According to the family inventories of Wilfred Buckley's estate, Moundsmere Manor, this painting was located in the drawing room and is listed as painted from life (Law, Fowlsham, and Cole, "A Valued Inventory: Moundsmere Manor" (1923 and 1932). Another portrait of Lincoln, now in the Morris Museum in Morristown, New Jersey was also previously in Buckley's collection (fig. 1). Holding strong stylistic similarities between the now offered example, this painting was described as being "one of the few portraits of that great man [Lincoln] which were done from life" (Country Life (March 10, 1910), p. 378).

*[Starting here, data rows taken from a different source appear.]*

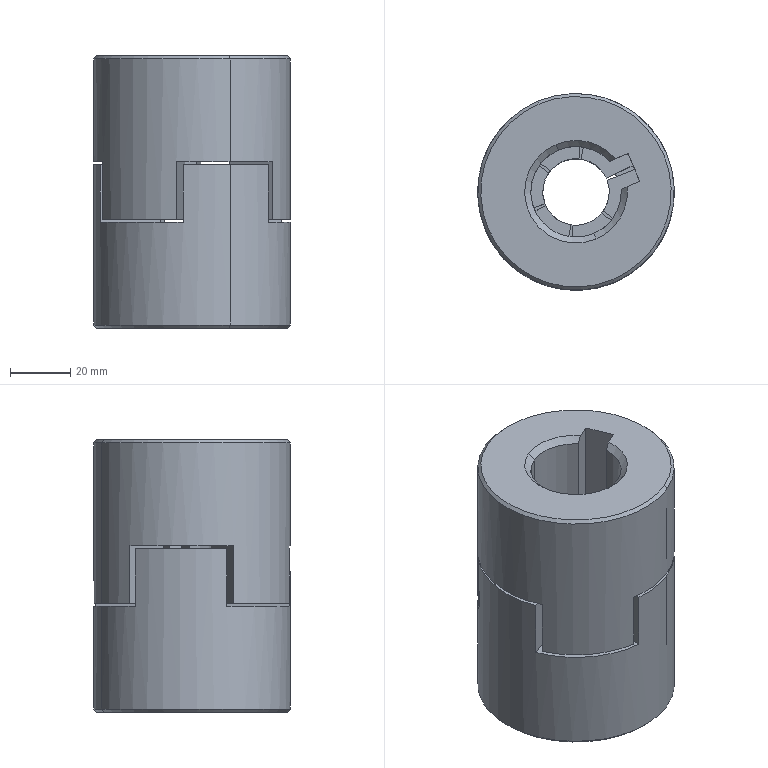Component | SolidWorks | XLJ2-22-22-1 | 2 solids | 72 faces | volume 241080 mm3 | plane 44 | cylinder 18 | cone 10 | commonest cylinder face diameters 30 x7 22 x7 65 x4 | material Plain Carbon Steel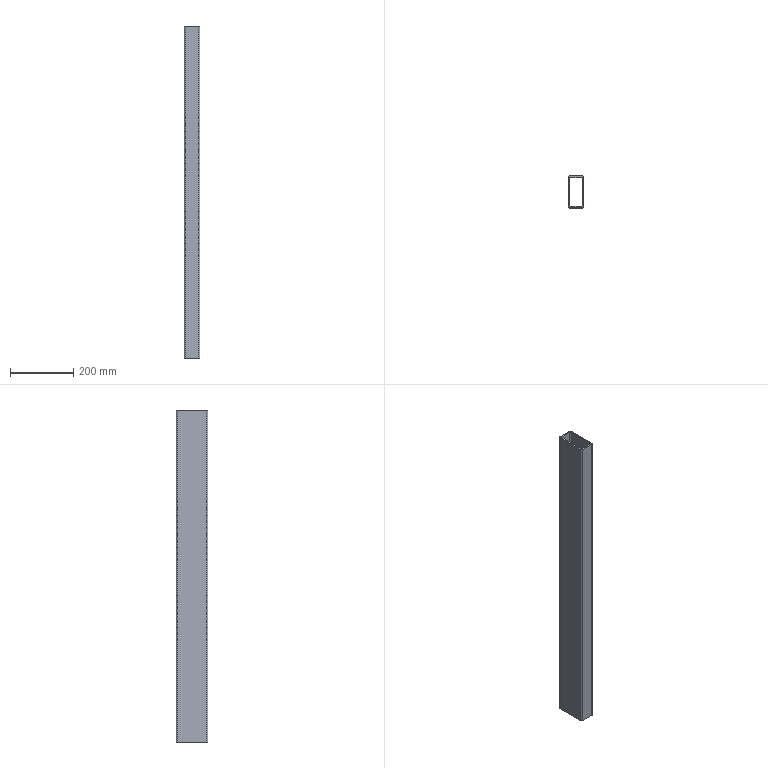Component | NX | BASE_FRAME_RECT_TUBE | 1 solid | 18 faces | volume 1192800 mm3 | plane 10 | cylinder 8 | commonest cylinder face diameters 8 x8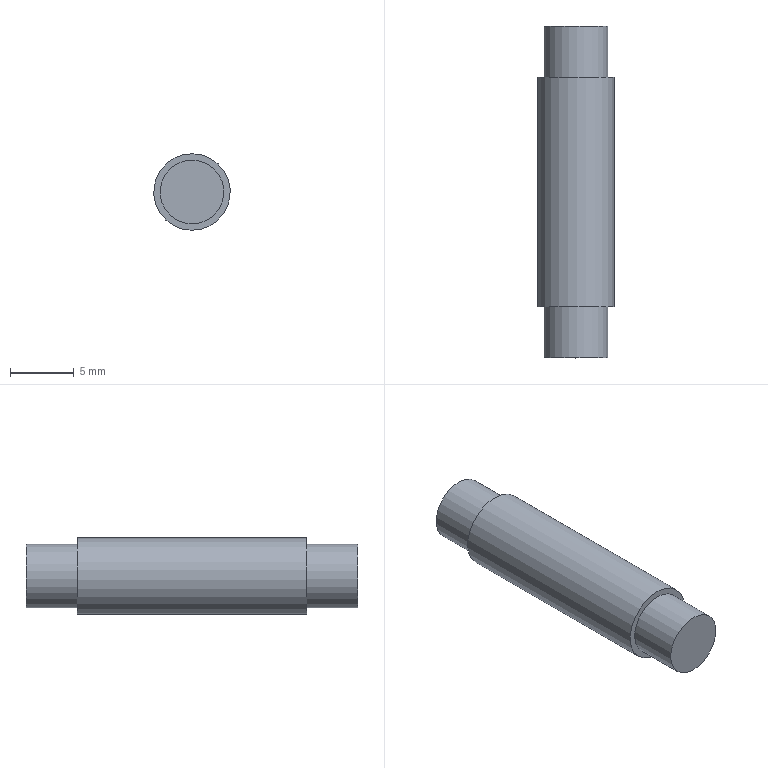Component | NX | LINK_PIN | 1 solid | 7 faces | volume 666 mm3 | plane 4 | cylinder 3 | commonest cylinder face diameters 5 x2 6 x1

The portrait offered here was originally owned by Martin Parry Kennard (1818-1903), an avid collector of historical documents and autographed letters (Probate Record, Martin Parry Kennard, Norfolk County, filed November 23, 1903). He established the successful business firm of Bigelow, Kennard & Co. and, upon leaving the commercial business world, he served as sub-treasurer of the United States in Boston for thirteen years under Presidents Hayes, Arthur, Harrison and Cleveland. Much like Lincoln, Kennard was a Whig who joined the Republican Party upon its formation and was moved by strong anti-slavery sentiment (John William Denehy, A History of Brookline, Massachusetts (Brookline, Massachusetts, 1905), p. 224).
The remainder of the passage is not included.